What did we learn from Dawn during its groundbreaking, 11-year mission?

Dawn highlighted how important place of birth was for bodies in the early days of our solar system, which formed 4.6 billion years ago.

Understanding the environment where the smaller planets formed is crucial to understanding their destiny, Dawn showed us. Early solar system and planetary migration models now must account for the findings Dawn has made over the last seven years.

Vesta, which likely formed in the inner solar system and stayed there, evolved in many ways like the rocky planets of the inner solar system. Dawn’s mapping of Vesta’s craters revealed that the northern hemisphere of Vesta is an ancient surface that had more large impacts than expected based on pre-Dawn models of asteroids in the main belt. This suggests that there were more large objects early on and tells us that “planetesimals”—the types of smaller bodies that could evolve into planets—were born big, rather than being built of smaller blocks.

Ceres, on the other hand, appears to have formed farther from the Sun and migrated into the inner solar system. Dawn measured Ceres’ surface composition and found a chemical (ammonia), which requires the colder temperatures of the outer solar system—beyond the orbit of Jupiter—to condense. Ceres may have formed there and then drifted closer to the Sun. Or materials from the outer solar system, having drifted inward, could have attached to Ceres as it formed.

Dawn also reinforced that location determines the amount of water incorporated in solar system bodies, and that water plays an important role in driving out heat. Bodies that formed with a lot of water, like Ceres, cooled fast. While those with little or no water, like Vesta, could not cool as fast. Vesta completely melted its own interior, forming a metallic core and rocky mantle and crust. However, Ceres’ interior is stratified in a rocky mantle made of water-rich rock (such as clays) and an outer shell rich in water in the form of ice and hydrates.

Ocean worlds are a focus of space exploration because they may support conditions suitable for life. We now know there is a menagerie of moons that hold global oceans, including Saturn’s moons Enceladus and Titan, and Jupiter’s moon Europa.

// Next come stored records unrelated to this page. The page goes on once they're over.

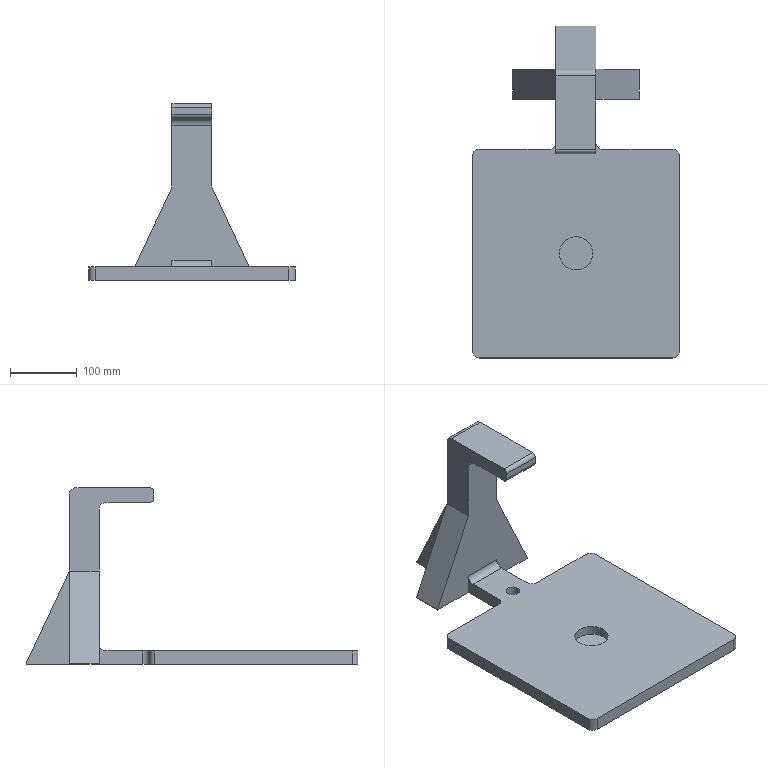Component | NX | ALTLIK | 1 solid | 44 faces | volume 3500120 mm3 | plane 29 | cylinder 15 | commonest cylinder face diameters 20 x12 12 x2 50 x1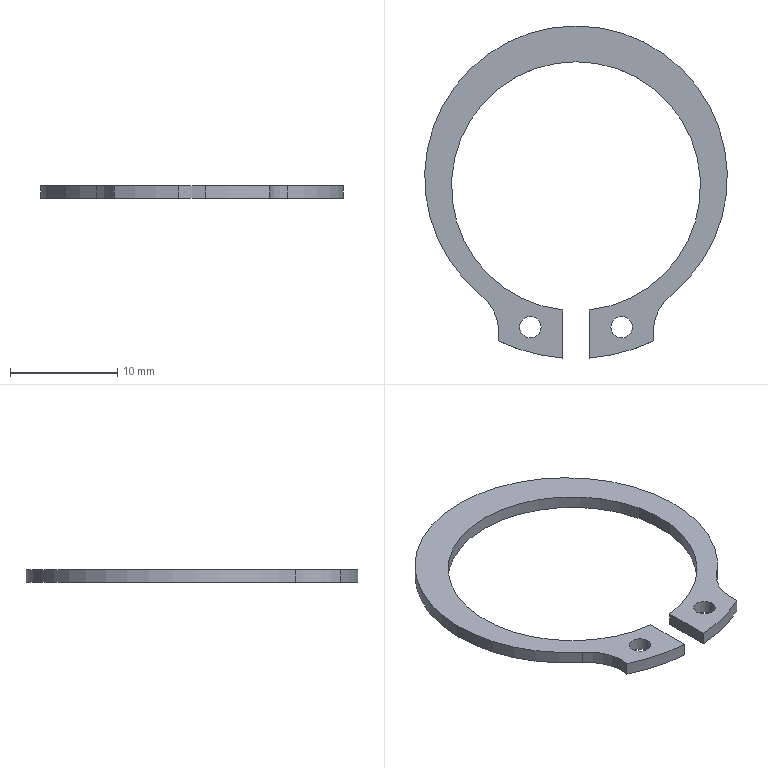Component | NX | RETAINING_RING | 1 solid | 12 faces | box 28.2 x 30.93 x 1.2 mm | volume 273 mm3 | cylinder 8 | plane 4 | commonest cylinder face diameters 2 x2 9 x2 33.76 x2 28.2 x1 23.2 x1
STEP:
#1=CARTESIAN_POINT('',(0.,0.,0.));
#2=DIRECTION('',(0.,0.,1.));
#3=DIRECTION('',(1.,0.,0.));
#4=AXIS2_PLACEMENT_3D('',#1,#2,#3);
#5=CARTESIAN_POINT('',(-594.925,295.052,-700.));
#6=VERTEX_POINT('',#5);
#7=CARTESIAN_POINT('',(-593.925,295.052,-700.));
#8=DIRECTION('',(0.,0.,1.));
#9=DIRECTION('',(-1.,0.,0.));
#10=AXIS2_PLACEMENT_3D('',#7,#8,#9);
#11=CIRCLE('',#10,1.);
#12=CARTESIAN_POINT('',(-593.925,295.052,-700.));
#13=DIRECTION('',(0.,0.,-1.));
#14=DIRECTION('',(1.,0.,0.));
#15=AXIS2_PLACEMENT_3D('',#12,#13,#14);
#16=CYLINDRICAL_SURFACE('',#15,1.);
#17=CARTESIAN_POINT('',(9.425,0.));
#18=DIRECTION('',(-1.,0.));
#19=VECTOR('',#18,1.);
#20=LINE('',#17,#19);
#21=(GEOMETRIC_REPRESENTATION_CONTEXT(2)PARAMETRIC_REPRESENTATION_CONTEXT()REPRESENTATION_CONTEXT('',''));
#22=DEFINITIONAL_REPRESENTATION('',(#20),#21);
#23=PCURVE('',#16,#22);
#24=CARTESIAN_POINT('',(-598.175,308.181,-700.));
#25=DIRECTION('',(0.,0.,1.));
#26=DIRECTION('',(-1.,0.,0.));
#27=AXIS2_PLACEMENT_3D('',#24,#25,#26);
#28=PLANE('',#27);
#29=CARTESIAN_POINT('',(-4.25,13.129));
#30=DIRECTION('',(1.,0.));
#31=AXIS2_PLACEMENT_2D('',#29,#30);
#32=CIRCLE('',#31,1.);
#33=(GEOMETRIC_REPRESENTATION_CONTEXT(2)PARAMETRIC_REPRESENTATION_CONTEXT()REPRESENTATION_CONTEXT('',''));
#34=DEFINITIONAL_REPRESENTATION('',(#32),#33);
#35=PCURVE('',#28,#34);
#36=SURFACE_CURVE('',#11,(#23,#35),.PCURVE_S1.);
#37=EDGE_CURVE('',#6,#6,#36,.T.);
#38=ORIENTED_EDGE('',*,*,#37,.F.);
#39=CARTESIAN_POINT('',(-594.925,295.052,-701.2));
#40=VERTEX_POINT('',#39);
#41=CARTESIAN_POINT('',(-594.925,295.052,-700.));
#42=CARTESIAN_POINT('',(-594.925,295.052,-701.2));
#43=B_SPLINE_CURVE_WITH_KNOTS('',1,(#41,#42),.UNSPECIFIED.,.F.,.F.,(2,2),(0.,1.2),.PIECEWISE_BEZIER_KNOTS.);
#44=CARTESIAN_POINT('',(9.425,0.));
#45=DIRECTION('',(0.,1.));
#46=VECTOR('',#45,1.);
#47=LINE('',#44,#46);
#48=(GEOMETRIC_REPRESENTATION_CONTEXT(2)PARAMETRIC_REPRESENTATION_CONTEXT()REPRESENTATION_CONTEXT('',''));
#49=DEFINITIONAL_REPRESENTATION('',(#47),#48);
#50=PCURVE('',#16,#49);
#51=CARTESIAN_POINT('',(3.142,0.));
#52=DIRECTION('',(0.,1.));
#53=VECTOR('',#52,1.);
#54=LINE('',#51,#53);
#55=(GEOMETRIC_REPRESENTATION_CONTEXT(2)PARAMETRIC_REPRESENTATION_CONTEXT()REPRESENTATION_CONTEXT('',''));
#56=DEFINITIONAL_REPRESENTATION('',(#54),#55);
#57=PCURVE('',#16,#56);
#58=SEAM_CURVE('',#43,(#50,#57),.PCURVE_S1.);
#59=EDGE_CURVE('',#6,#40,#58,.T.);
#60=ORIENTED_EDGE('',*,*,#59,.T.);
#61=CARTESIAN_POINT('',(-593.925,295.052,-701.2));
#62=DIRECTION('',(0.,0.,1.));
#63=DIRECTION('',(-1.,0.,0.));
#64=AXIS2_PLACEMENT_3D('',#61,#62,#63);
#65=CIRCLE('',#64,1.);
#66=CARTESIAN_POINT('',(9.425,1.2));
#67=DIRECTION('',(-1.,0.));
#68=VECTOR('',#67,1.);
#69=LINE('',#66,#68);
#70=(GEOMETRIC_REPRESENTATION_CONTEXT(2)PARAMETRIC_REPRESENTATION_CONTEXT()REPRESENTATION_CONTEXT('',''));
#71=DEFINITIONAL_REPRESENTATION('',(#69),#70);
#72=PCURVE('',#16,#71);
#73=CARTESIAN_POINT('',(-598.175,308.181,-701.2));
#74=DIRECTION('',(0.,0.,1.));
#75=DIRECTION('',(-1.,0.,0.));
#76=AXIS2_PLACEMENT_3D('',#73,#74,#75);
#77=PLANE('',#76);
#78=CARTESIAN_POINT('',(-4.25,13.129));
#79=DIRECTION('',(1.,0.));
#80=AXIS2_PLACEMENT_2D('',#78,#79);
#81=CIRCLE('',#80,1.);
#82=(GEOMETRIC_REPRESENTATION_CONTEXT(2)PARAMETRIC_REPRESENTATION_CONTEXT()REPRESENTATION_CONTEXT('',''));
#83=DEFINITIONAL_REPRESENTATION('',(#81),#82);
#84=PCURVE('',#77,#83);
#85=SURFACE_CURVE('',#65,(#72,#84),.PCURVE_S1.);
#86=EDGE_CURVE('',#40,#40,#85,.T.);
#87=ORIENTED_EDGE('',*,*,#86,.T.);
#88=ORIENTED_EDGE('',*,*,#59,.F.);
#89=EDGE_LOOP('',(#38,#60,#87,#88));
#90=FACE_BOUND('',#89,.F.);
#91=ADVANCED_FACE('',(#90),#16,.F.);
#92=CARTESIAN_POINT('',(-601.425,295.052,-700.));
#93=VERTEX_POINT('',#92);
#94=CARTESIAN_POINT('',(-602.425,295.052,-700.));
#95=DIRECTION('',(0.,0.,1.));
#96=DIRECTION('',(1.,0.,0.));
#97=AXIS2_PLACEMENT_3D('',#94,#95,#96);
#98=CIRCLE('',#97,1.);
#99=CARTESIAN_POINT('',(-602.425,295.052,-700.));
#100=DIRECTION('',(0.,0.,-1.));
#101=DIRECTION('',(1.,0.,0.));
#102=AXIS2_PLACEMENT_3D('',#99,#100,#101);
#103=CYLINDRICAL_SURFACE('',#102,1.);
#104=CARTESIAN_POINT('',(6.283,0.));
#105=DIRECTION('',(-1.,0.));
#106=VECTOR('',#105,1.);
#107=LINE('',#104,#106);
#108=(GEOMETRIC_REPRESENTATION_CONTEXT(2)PARAMETRIC_REPRESENTATION_CONTEXT()REPRESENTATION_CONTEXT('',''));
#109=DEFINITIONAL_REPRESENTATION('',(#107),#108);
#110=PCURVE('',#103,#109);
#111=CARTESIAN_POINT('',(4.25,13.129));
#112=DIRECTION('',(-1.,0.));
#113=AXIS2_PLACEMENT_2D('',#111,#112);
#114=CIRCLE('',#113,1.);
#115=(GEOMETRIC_REPRESENTATION_CONTEXT(2)PARAMETRIC_REPRESENTATION_CONTEXT()REPRESENTATION_CONTEXT('',''));
#116=DEFINITIONAL_REPRESENTATION('',(#114),#115);
#117=PCURVE('',#28,#116);
#118=SURFACE_CURVE('',#98,(#110,#117),.PCURVE_S1.);
#119=EDGE_CURVE('',#93,#93,#118,.T.);
#120=ORIENTED_EDGE('',*,*,#119,.F.);
#121=CARTESIAN_POINT('',(-601.425,295.052,-701.2));
#122=VERTEX_POINT('',#121);
#123=CARTESIAN_POINT('',(-601.425,295.052,-700.));
#124=CARTESIAN_POINT('',(-601.425,295.052,-701.2));
#125=B_SPLINE_CURVE_WITH_KNOTS('',1,(#123,#124),.UNSPECIFIED.,.F.,.F.,(2,2),(0.,1.2),.PIECEWISE_BEZIER_KNOTS.);
#126=CARTESIAN_POINT('',(6.283,0.));
#127=DIRECTION('',(0.,1.));
#128=VECTOR('',#127,1.);
#129=LINE('',#126,#128);
#130=(GEOMETRIC_REPRESENTATION_CONTEXT(2)PARAMETRIC_REPRESENTATION_CONTEXT()REPRESENTATION_CONTEXT('',''));
#131=DEFINITIONAL_REPRESENTATION('',(#129),#130);
#132=PCURVE('',#103,#131);
#133=CARTESIAN_POINT('',(0.,0.));
#134=DIRECTION('',(0.,1.));
#135=VECTOR('',#134,1.);
#136=LINE('',#133,#135);
#137=(GEOMETRIC_REPRESENTATION_CONTEXT(2)PARAMETRIC_REPRESENTATION_CONTEXT()REPRESENTATION_CONTEXT('',''));
#138=DEFINITIONAL_REPRESENTATION('',(#136),#137);
#139=PCURVE('',#103,#138);
#140=SEAM_CURVE('',#125,(#132,#139),.PCURVE_S1.);
#141=EDGE_CURVE('',#93,#122,#140,.T.);
#142=ORIENTED_EDGE('',*,*,#141,.T.);
#143=CARTESIAN_POINT('',(-602.425,295.052,-701.2));
#144=DIRECTION('',(0.,0.,1.));
#145=DIRECTION('',(1.,0.,0.));
#146=AXIS2_PLACEMENT_3D('',#143,#144,#145);
#147=CIRCLE('',#146,1.);
#148=CARTESIAN_POINT('',(6.283,1.2));
#149=DIRECTION('',(-1.,0.));
#150=VECTOR('',#149,1.);
#151=LINE('',#148,#150);
#152=(GEOMETRIC_REPRESENTATION_CONTEXT(2)PARAMETRIC_REPRESENTATION_CONTEXT()REPRESENTATION_CONTEXT('',''));
#153=DEFINITIONAL_REPRESENTATION('',(#151),#152);
#154=PCURVE('',#103,#153);
#155=CARTESIAN_POINT('',(4.25,13.129));
#156=DIRECTION('',(-1.,0.));
#157=AXIS2_PLACEMENT_2D('',#155,#156);
#158=CIRCLE('',#157,1.);
#159=(GEOMETRIC_REPRESENTATION_CONTEXT(2)PARAMETRIC_REPRESENTATION_CONTEXT()REPRESENTATION_CONTEXT('',''));
#160=DEFINITIONAL_REPRESENTATION('',(#158),#159);
#161=PCURVE('',#77,#160);
#162=SURFACE_CURVE('',#147,(#154,#161),.PCURVE_S1.);
#163=EDGE_CURVE('',#122,#122,#162,.T.);
#164=ORIENTED_EDGE('',*,*,#163,.T.);
#165=ORIENTED_EDGE('',*,*,#141,.F.);
#166=EDGE_LOOP('',(#120,#142,#164,#165));
#167=FACE_BOUND('',#166,.F.);
#168=ADVANCED_FACE('',(#167),#103,.F.);
#169=CARTESIAN_POINT('',(-589.318,298.04,-700.));
#170=VERTEX_POINT('',#169);
#171=CARTESIAN_POINT('',(-607.032,298.04,-700.));
#172=VERTEX_POINT('',#171);
#173=CARTESIAN_POINT('',(-598.175,309.011,-700.));
#174=DIRECTION('',(0.,0.,1.));
#175=DIRECTION('',(1.,0.,0.));
#176=AXIS2_PLACEMENT_3D('',#173,#174,#175);
#177=CIRCLE('',#176,14.1);
#178=CARTESIAN_POINT('',(-598.175,309.011,-700.));
#179=DIRECTION('',(0.,0.,-1.));
#180=DIRECTION('',(1.,0.,0.));
#181=AXIS2_PLACEMENT_3D('',#178,#179,#180);
#182=CYLINDRICAL_SURFACE('',#181,14.1);
#183=CARTESIAN_POINT('',(12.566,0.));
#184=DIRECTION('',(-1.,0.));
#185=VECTOR('',#184,1.);
#186=LINE('',#183,#185);
#187=(GEOMETRIC_REPRESENTATION_CONTEXT(2)PARAMETRIC_REPRESENTATION_CONTEXT()REPRESENTATION_CONTEXT('',''));
#188=DEFINITIONAL_REPRESENTATION('',(#186),#187);
#189=PCURVE('',#182,#188);
#190=CARTESIAN_POINT('',(0.,-0.83));
#191=DIRECTION('',(-1.,0.));
#192=AXIS2_PLACEMENT_2D('',#190,#191);
#193=CIRCLE('',#192,14.1);
#194=(GEOMETRIC_REPRESENTATION_CONTEXT(2)PARAMETRIC_REPRESENTATION_CONTEXT()REPRESENTATION_CONTEXT('',''));
#195=DEFINITIONAL_REPRESENTATION('',(#193),#194);
#196=PCURVE('',#28,#195);
#197=SURFACE_CURVE('',#177,(#189,#196),.PCURVE_S1.);
#198=EDGE_CURVE('',#170,#172,#197,.T.);
#199=ORIENTED_EDGE('',*,*,#198,.F.);
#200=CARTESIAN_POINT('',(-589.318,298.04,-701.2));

Ceres is a crucial piece of the ocean worlds puzzle. With a crust that mixes ice, salts, rock-forming minerals and other materials, Ceres looks to be a remnant “ocean world,” wearing the chemistry of its old ocean and records of the interaction on its surface. Dawn’s observations suggest that there still may be some remaining briny liquid under its surface. As an evolved dwarf planet, Ceres can teach us about environmental conditions at other ocean worlds.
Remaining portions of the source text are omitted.